Два часа спустя… Ветер. Снежная крупка скребется по палатке. Плевать. Мы под крышей. Отблески молний на лицах. Обратно — плевать, с высокой, с гранитной, с нашей домбайской полки: у нас уже дом. Заправиться за весь день. “Альпинист лучше переест, чем недоспит”. То, что булькает поверх котелка, — супчик, что пониже — горячее второе. Много ли человеку надо? Надо вообще-то, конечно, много, но и мало лучше, чем ничего.
Человек поднимается — мир опускается. И каждому метру высоты соответствовали десятки километров далей. Восхождением ты раздвигал собственные горизонты. Многое ли видишь с днища долины? А отсюда уже можешь заглянуть по ту сторону Главного хребта, где то взбирается в гору, то спадает с нее Военно-Грузинская дорога и ты можешь откинуться на страховке от стены и сосчитать все восемнадцать серпантинов Млетского спуска и, прищурившись, увидеть что-то белое и крохотное на чем-то изумрудном и большом. Как рассыпанные на плюше рисунки. Но это баранта на альпийских лугах Хеви.
— По времени свободно уложимся в график, до темноты будем у перемычки. — Кулинич отогнул манжет. — Нет и четырех.
— Це треба еще разжуваты. — Ворожищев недоверчиво уставился в сторону Черного моря.
— Что там смущает мужика?
— На траверзе Клухора… Поглядел?.. Убедился?..
— Эта вон клякса, единственная на всем стерильной чистоты небосводе.
— Она самая. Вспомни, что тот гнилой угол — поставщик непогоды на весь Домбай.

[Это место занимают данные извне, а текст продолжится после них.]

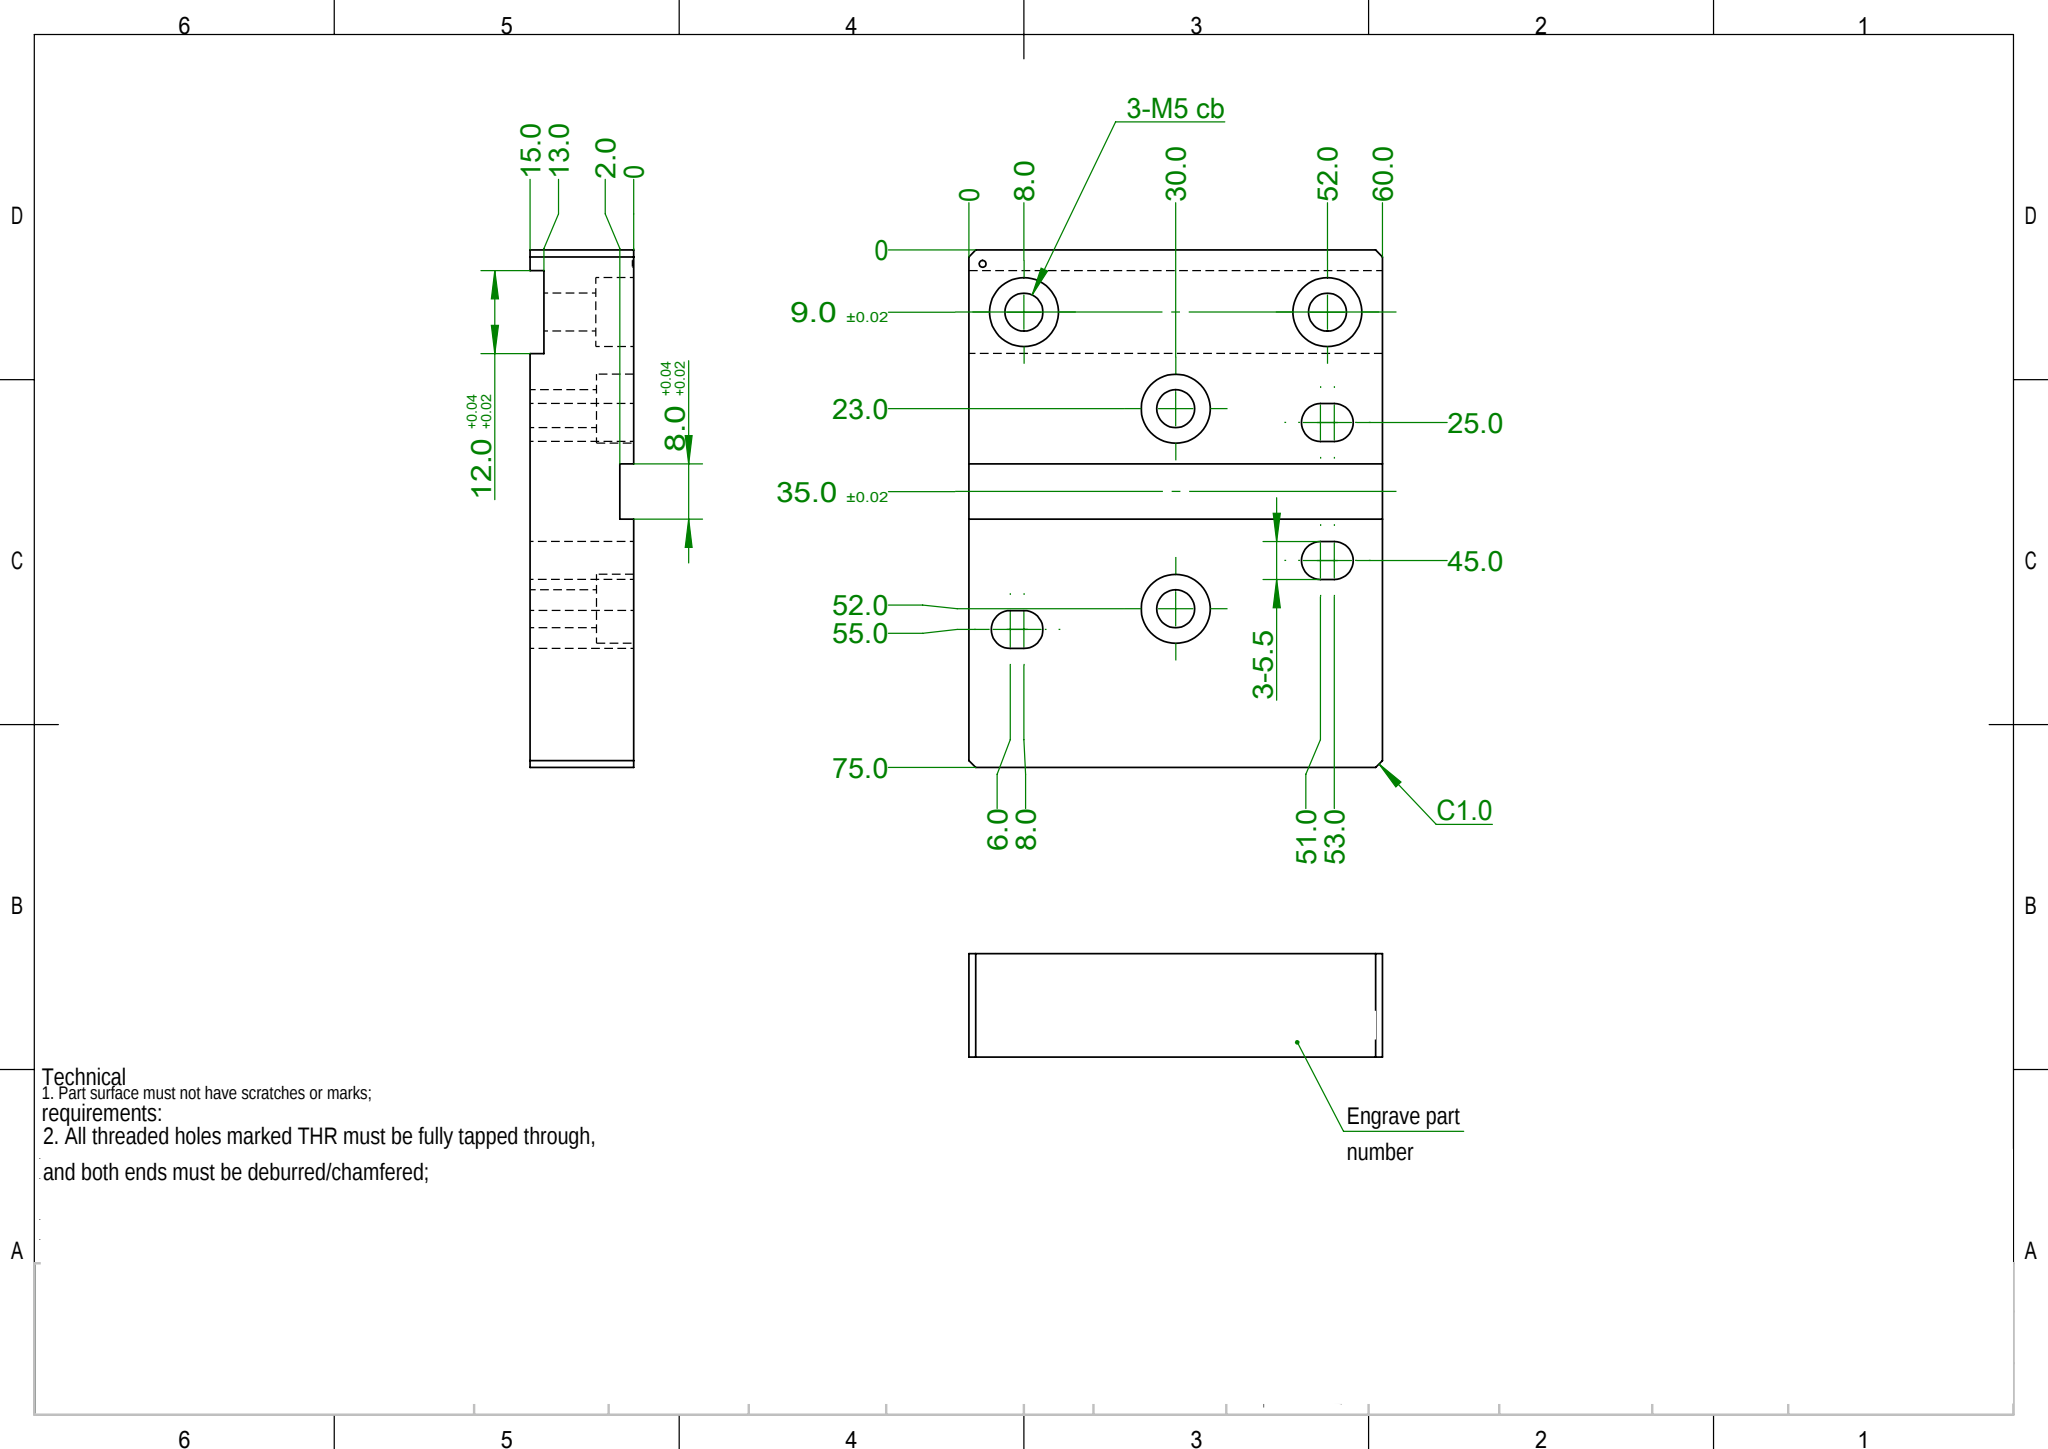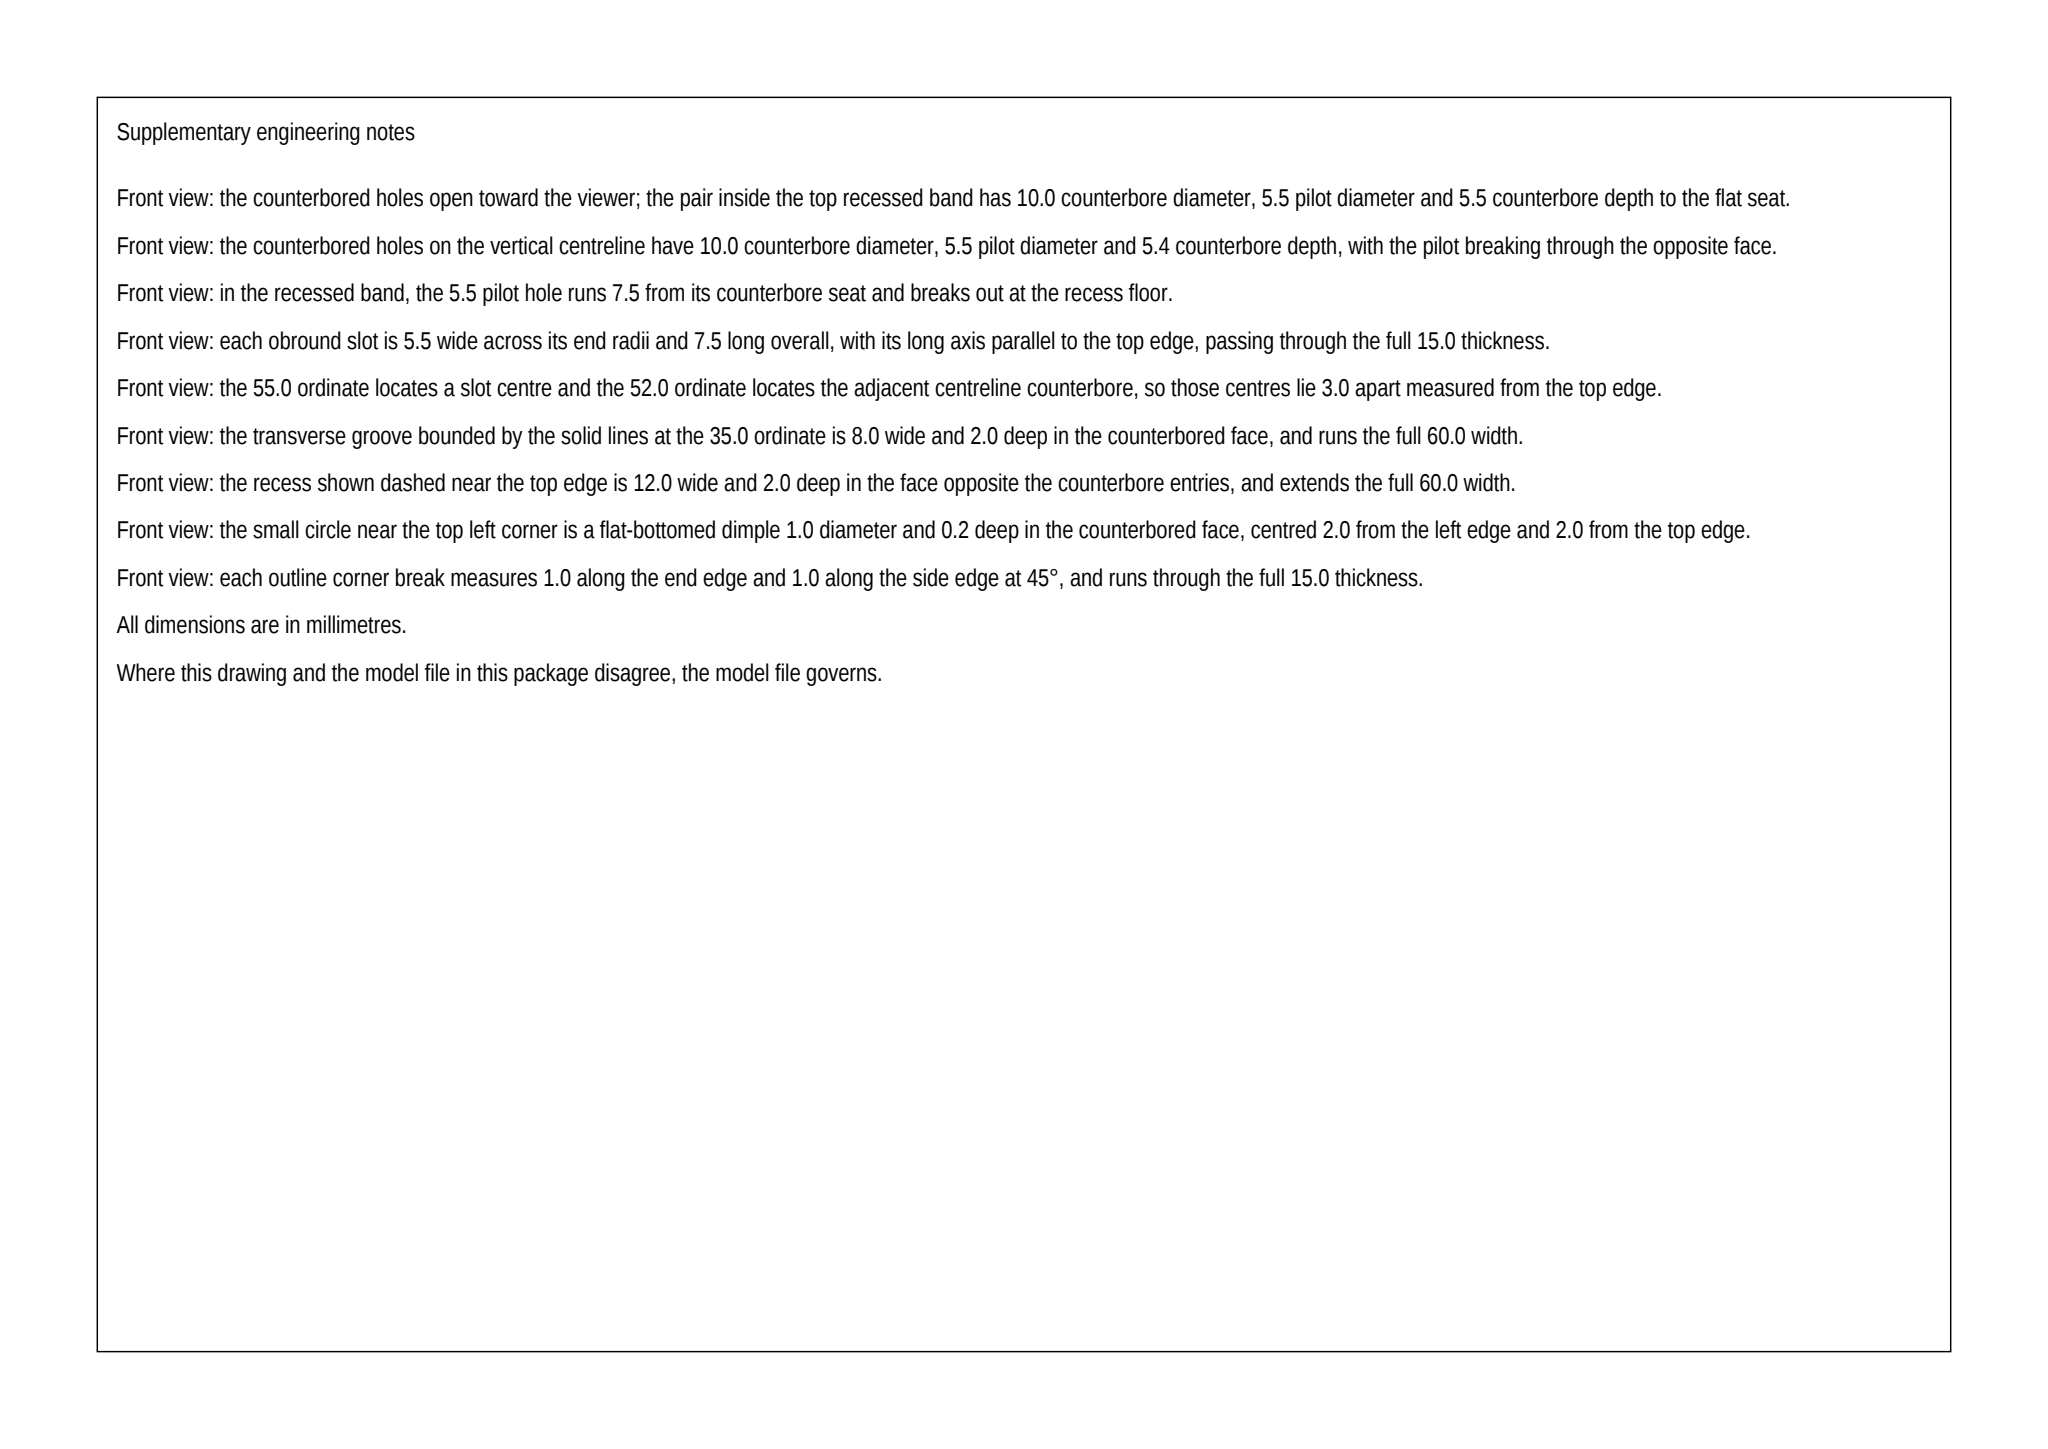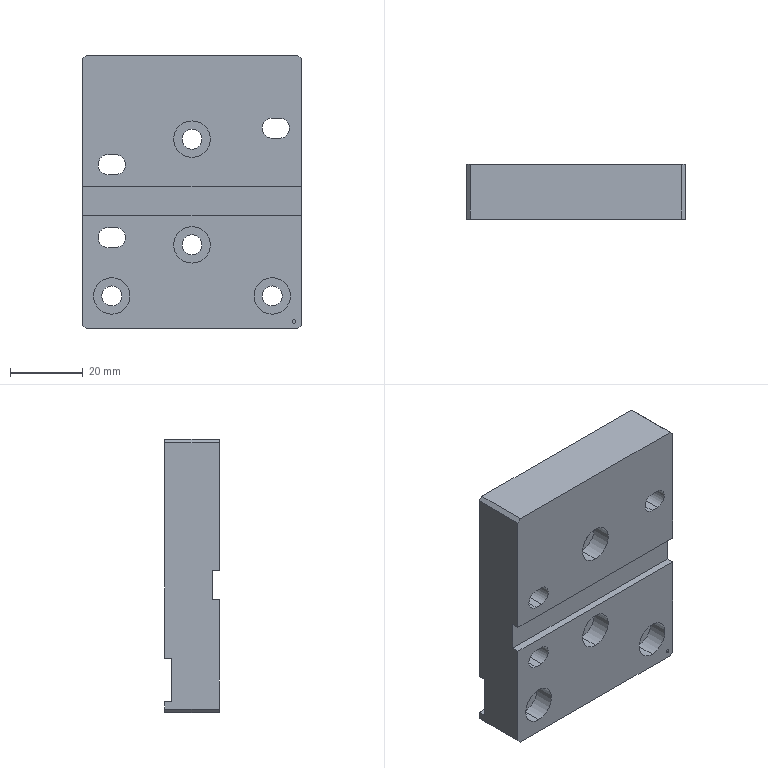Part | SolidWorks | mm | 1 solid | 53 faces | box 60 x 15 x 75 mm | volume 60981 mm3 | plane 29 | cylinder 24 | commonest cylinder face diameters 5.5 x14 10 x8 1 x2
Drawing notes:
BACK FACE STEP 2.0 DP x 12.0 HI: 3.0 FROM TOP EDGE | from the solid: y-planes 2.0 & 13.0 (2.0 deep off 15.0 thk); z-planes 3.0 and 15.0 give 12.0 high step starting 3.0 from top edge (z=0)
3X OBROUND SLOT 5.5 WIDE x 2.0 CTR-TO-CTR, THRU (15.0 THICKNESS): SLOT CENTERS X7.0 & X9.0 AT Z25.0; X7.0 & X9.0 AT Z45.0; X52.0 & X54.0 AT Z55.0 (FROM MIN-CORNER DATUM X0/Z0) | from the solid: cylinders dia 5.5 axis y length 15.0 at (x7,z25),(x9,z25),(x7,z45),(x9,z45),(x52,z55),(x54,z55); bbox y = 15.0
M5 CBORE HOLES ARE 2X ONLY: Ø5.5 THRU, CBORE Ø10.0 DP 5.4 NEAR & FAR FACE, AT X30.0, Z23.0 AND X30.0, Z52.0 (FROM MIN-CORNER DATUM) | from the solid: cylinders [5.5,y,(30,-,23),9.6,2] & [5.5,y,(30,-,52),9.6,2] with [10.0,y,(30,-,23),5.4,2] & [10.0,y,(30,-,52),5.4,2]
Ø5.5 CBORE HOLES ARE 2X ONLY: Ø5.5 THRU, CBORE Ø10.0 DP 5.5 NEAR & FAR FACE, AT X8.0, Z9.0 AND X52.0, Z9.0 (FROM MIN-CORNER DATUM) | from the solid: cylinders [5.5,y,(8,-,9),7.5,2] & [5.5,y,(52,-,9),7.5,2] with [10.0,y,(8,-,9),5.5,2] & [10.0,y,(52,-,9),5.5,2]

Ворожищеву верить можно. Не из трепливых. Чутью гор обучался у самого Габриеля Хергиани. Повел он их, тогда еще совсем зелененьких, на Ушбинское плато. И на подъеме от Щурака (пика Щуровского) вдруг:
“Стой! — Закурил. Уставился на зюйд-ост-ост. — Буду думать. — II весьма решительно продел ладонь в темляк ледоруба. — Наверх не ходим, реьяти. Вниз будем ходить. Бистро давай! Бистро!”
“Прогноз же хороший, Гавриил Георгиевич!”
“Конечно, хороший. Кто говорит “нет”. Облак только плохой. Не люблю такой. Такой, как хулигани в парк культура”.
Они только еще спускались тогда по утрамбованной тысячами ног дресве Шхельдинской морены, когда их охватило сырым и склизким: вошли в туман. Струи дождя. Хлопья снега. Раскаты камнепада. Габриель увел их в самый раз…
Так Ворожищев учился у свана из Местиа тому, чему не научат никакие пособия. Но что же тревожит его сейчас?
— Идет гроза, ребята. Прямиком на нас чешет.
— М-да! На таком месте вызываешь весь огонь на себя. Стена открытая. Подставлена под молнии.
— Идем-то, в общем, с опережением графика. Запас по времени имеется.
— Темп взяли опять-таки сильный от самого от старта. Помнится, за все годы только одной группе и удалось нашу стену пройти. Вано Галустову. Силен ведь “Черный буйвол”,[46] а шел эту же стену три дня с двумя ночевками.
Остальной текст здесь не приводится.